Misère et Noblesse

Un spectacle des Comédiens de la Tour
1982

On ne prête qu’aux riches

Distribution

Avec (par ordre d’entrée en scène) :

  • Concetta : Catherine Huette
  • Pupella : Céline Benhabyles
  • Luisella : Yvette Ernault
  • Don Gioachino : François Laffont
  • Luigino : Alain Vilette
  • Pascale : Philippe Prévost
  • Peppeniello : Michael Guillon
  • Felice : Pierre Corveaule
  • Eugenio : Alain Guillon
  • Servantes : Corinne Ramuzat et Nadia Valdenaire
  • Gaetano : Pascal Lévêque
  • Vicienzo : Bernard Plaçais
  • Antonella : Isabelle Sevaux
  • M. Bébé : Jean-Pierre Ecobichon
  • Gemma : Véronique Levasseur
  • Bettina : Françoise Vergely

Mise en scène : François Laffont

Régie : Jean-Paul Naudin

Eclairages : Pascal Levasseur

Décors : Pierre Besnier, Pierre Blanchet

Décor floral : Véronique Levasseur

Costumes : Marie-Reine Zeutzius, Jean-Claude Le Riboteur

Maquillages : Martine Tassin

L'histoire

A Naples, vers 1887, dans un quartier populaire, deux familles vivent dans un misérable taudis.

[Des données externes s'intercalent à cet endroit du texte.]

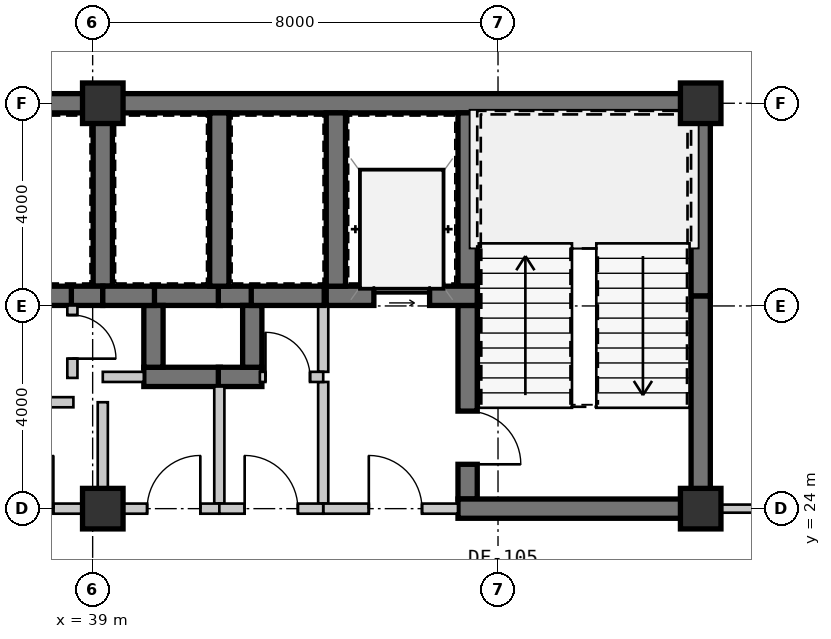
"""IFC4 building model, lengths in metres.
Left out: names, types, materials, properties, quantities, classifications, styles, units other than length and angle.
Written with IfcOpenShell. Run it as: python <this file> out.ifc"""

import sys

from ifc_helpers import new_model, si_unit, direction, frame, frame_2d, origin, origin_2d, place, context, subcontext, project, spatial, rectangle, extrude, source, transform, mapped, element, fill, save


model = new_model("IFC4")
c1 = context("Model", 3, precision=1e-05, world=origin(), true_north=direction((0.0, 1.0)))
c2 = subcontext(c1, "Body", "Model", "MODEL_VIEW")
j1 = project(units=[si_unit("LENGTHUNIT", "METRE"), si_unit("PLANEANGLEUNIT", "RADIAN")], contexts=[c1])
p1 = place(None, origin())
s1 = spatial("IfcSite", under=j1, at=p1, CompositionType="ELEMENT")
p2 = place(p1, origin())
s2 = spatial("IfcBuilding", under=s1, at=p2, CompositionType="ELEMENT")
p3 = place(p2, frame((0.0, 0.0, 45.15)))
s3 = spatial("IfcBuildingStorey", under=s2, at=p3, CompositionType="ELEMENT", Elevation=45.15)
m1 = source(origin(), c2, "Body", "SweptSolid", [
    extrude(rectangle(XDim=0.8, YDim=0.8, at=origin_2d()), origin(), (0.0, 0.0, 1.0), 3.15),
])
for number, where, z_axis, x_axis in (
    (1, (39.2, 24.0, 0.0), (0.0, 0.0, 1.0), (1.0, 0.0, 0.0)),
    (2, (51.0, 24.0, 0.0), (0.0, 0.0, 1.0), (1.0, 0.0, 0.0)),
    (3, (39.2, 32.0, 0.0), (0.0, 0.0, 1.0), (1.0, 0.0, 0.0)),
    (4, (51.0, 32.0, 0.0), (0.0, 0.0, 1.0), (1.0, 0.0, 0.0)),
):
    element("IfcColumn", number, at=place(p3, frame(where, z_axis=z_axis, x_axis=x_axis)), inside=s3, PredefinedType="COLUMN", context=c2, shape_type="MappedRepresentation", body=[
        mapped(m1, transform((0.0, 0.0, 0.0), scale=1.0)),
    ])
m2 = source(origin(), c2, "Body", "SweptSolid", [
    extrude(rectangle(XDim=11.2, YDim=0.38, at=frame_2d((5.6, 0.0))), origin(), (0.0, 0.0, 1.0), 2.93),
])
p4 = place(p3, frame((28.0, 32.0, 0.0), z_axis=(0.0, 0.0, 1.0), x_axis=(1.0, 0.0, 0.0)))
e5 = element("IfcWall", 5, at=p4, inside=s3, PredefinedType="SHEAR", context=c2, shape_type="MappedRepresentation", body=[
    mapped(m2, transform((0.0, 0.0, 0.0), scale=1.0)),
])
m3 = source(origin(), c2, "Body", "SweptSolid", [
    extrude(rectangle(XDim=11.99, YDim=0.38, at=frame_2d((5.995, 0.0))), origin(), (0.0, 0.0, 1.0), 2.93),
])
p5 = place(p3, frame((39.2, 32.0, 0.0), z_axis=(0.0, 0.0, 1.0), x_axis=(1.0, 0.0, 0.0)))
e6 = element("IfcWall", 6, at=p5, inside=s3, PredefinedType="SHEAR", context=c2, shape_type="MappedRepresentation", body=[
    mapped(m3, transform((0.0, 0.0, 0.0), scale=1.0)),
])
m4 = source(origin(), c2, "Body", "SweptSolid", [
    extrude(rectangle(XDim=4.01, YDim=0.38, at=frame_2d((2.005, 0.0))), origin(), (0.0, 0.0, 1.0), 2.93),
])
p6 = place(p3, frame((51.0, 24.19, 0.0), z_axis=(0.0, 0.0, 1.0), x_axis=(0.0, 1.0, 0.0)))
e7 = element("IfcWall", 7, at=p6, inside=s3, PredefinedType="SHEAR", context=c2, shape_type="MappedRepresentation", body=[
    mapped(m4, transform((0.0, 0.0, 0.0), scale=1.0)),
])
m5 = source(origin(), c2, "Body", "SweptSolid", [
    extrude(rectangle(XDim=3.61, YDim=0.38, at=frame_2d((1.805, 0.0))), origin(), (0.0, 0.0, 1.0), 2.93),
])
p7 = place(p3, frame((51.0, 28.2, 0.0), z_axis=(0.0, 0.0, 1.0), x_axis=(0.0, 1.0, 0.0)))
e8 = element("IfcWall", 8, at=p7, inside=s3, PredefinedType="SHEAR", context=c2, shape_type="MappedRepresentation", body=[
    mapped(m5, transform((0.0, 0.0, 0.0), scale=1.0)),
])
m6 = source(origin(), c2, "Body", "SweptSolid", [
    extrude(rectangle(XDim=3.42, YDim=0.38, at=frame_2d((1.71, 0.0))), origin(), (0.0, 0.0, 1.0), 2.93),
])
p8 = place(p3, frame((46.4, 31.81, 0.0), z_axis=(0.0, 0.0, 1.0), x_axis=(0.0, -1.0, 0.0)))
e9 = element("IfcWall", 9, at=p8, inside=s3, PredefinedType="SHEAR", context=c2, shape_type="MappedRepresentation", body=[
    mapped(m6, transform((0.0, 0.0, 0.0), scale=1.0)),
])
m7 = source(origin(), c2, "Body", "SweptSolid", [
    extrude(rectangle(XDim=3.82, YDim=0.38, at=frame_2d((1.91, 0.0))), origin(), (0.0, 0.0, 1.0), 2.93),
])
p9 = place(p3, frame((46.4, 28.01, 0.0), z_axis=(0.0, 0.0, 1.0), x_axis=(0.0, -1.0, 0.0)))
e10 = element("IfcWall", 10, at=p9, inside=s3, PredefinedType="SHEAR", context=c2, shape_type="MappedRepresentation", body=[
    mapped(m7, transform((0.0, 0.0, 0.0), scale=1.0)),
])
m8 = source(origin(), c2, "Body", "SweptSolid", [
    extrude(rectangle(XDim=1.05, YDim=2.1, at=frame_2d((0.525, 1.05))), frame((0.0, 0.2, 0.0), z_axis=(0.0, -1.0, 0.0), x_axis=(1.0, 0.0, 0.0)), (0.0, 0.0, 1.0), 0.4),
])
p10 = place(p9, frame((2.085, 0.0, 0.0)))
e11 = element("IfcOpeningElement", 11, at=p10, cuts=e10, PredefinedType="OPENING", context=c2, shape_type="MappedRepresentation", body=[
    mapped(m8, transform((0.0, 0.0, 0.0), scale=1.0)),
])
m9 = source(origin(), c2, "Body", "SweptSolid", [
    extrude(rectangle(XDim=4.98, YDim=0.38, at=frame_2d((2.49, 0.0))), origin(), (0.0, 0.0, 1.0), 2.93),
])
p11 = place(p3, frame((46.21, 24.0, 0.0), z_axis=(0.0, 0.0, 1.0), x_axis=(1.0, 0.0, 0.0)))
e12 = element("IfcWall", 12, at=p11, inside=s3, PredefinedType="SHEAR", context=c2, shape_type="MappedRepresentation", body=[
    mapped(m9, transform((0.0, 0.0, 0.0), scale=1.0)),
])
m10 = source(origin(), c2, "Body", "SweptSolid", [
    extrude(rectangle(XDim=2.98, YDim=0.38, at=frame_2d((1.49, 0.0))), origin(), (0.0, 0.0, 1.0), 2.93),
])
p12 = place(p3, frame((43.61, 28.2, 0.0), z_axis=(0.0, 0.0, 1.0), x_axis=(1.0, 0.0, 0.0)))
e13 = element("IfcWall", 13, at=p12, inside=s3, PredefinedType="SHEAR", context=c2, shape_type="MappedRepresentation", body=[
    mapped(m10, transform((0.0, 0.0, 0.0), scale=1.0)),
])
m11 = source(origin(), c2, "Body", "SweptSolid", [
    extrude(rectangle(XDim=1.1, YDim=2.15, at=frame_2d((0.55, 1.075))), frame((0.0, 0.2, 0.0), z_axis=(0.0, -1.0, 0.0), x_axis=(1.0, 0.0, 0.0)), (0.0, 0.0, 1.0), 0.4),
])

Le loyer n’est pas payé depuis 5 mois ; les enfants Pupella et Peppeniello hurlent à la faim ; les femmes Concetta et Luisella hurlent des injures ; les deux maris, Pascale et Felice ont des métiers en perte de vitesse et ne rapportent plus un sou chez eux.
Mais…
Luigino, fils du cuisinier enrichi Gaetano, aime Pupella. Eugenio, le petit marquis, aime la danseuse Gemma, sœur de Luigino.
Tout ce monde va se retrouver chez le nouveau riche et la folie commence…
La Joyeuse folie qui anime notre monde de fausse noblesse et de véritable misère.

La pièce

Le théâtre napolitain relève d’une longue tradition dont Eduardo Scarpetta fut le plus remarquable représentant entre 1880 et 1920.
Acteur, auteur et directeur, Scarpetta a animé pendant un demi-siècle le théâtre San Carlino de Naples et a écrit, en napolitain, quelques 70 comédies, dont une grande partie sont des adaptations de vaudevilles français (Labiche, Feydeau, etc.) ou italiens.
Son chef d’œuvre est « Misère et Noblesse » qui fut créé le 7 janvier 1886 avec un succès jamais démenti puisqu’en Italie même, deux films et un opéra en ont été tirés.
Soixante-dix ans après la première napolitaine, Jacques Fabbri, inaugurant le Théâtre de l’Alliance Française, lui a offert l’occasion de conquérir à son tour Paris.
Quatre-vingt-seize ans après, c’est au public Triellois de la découvrir.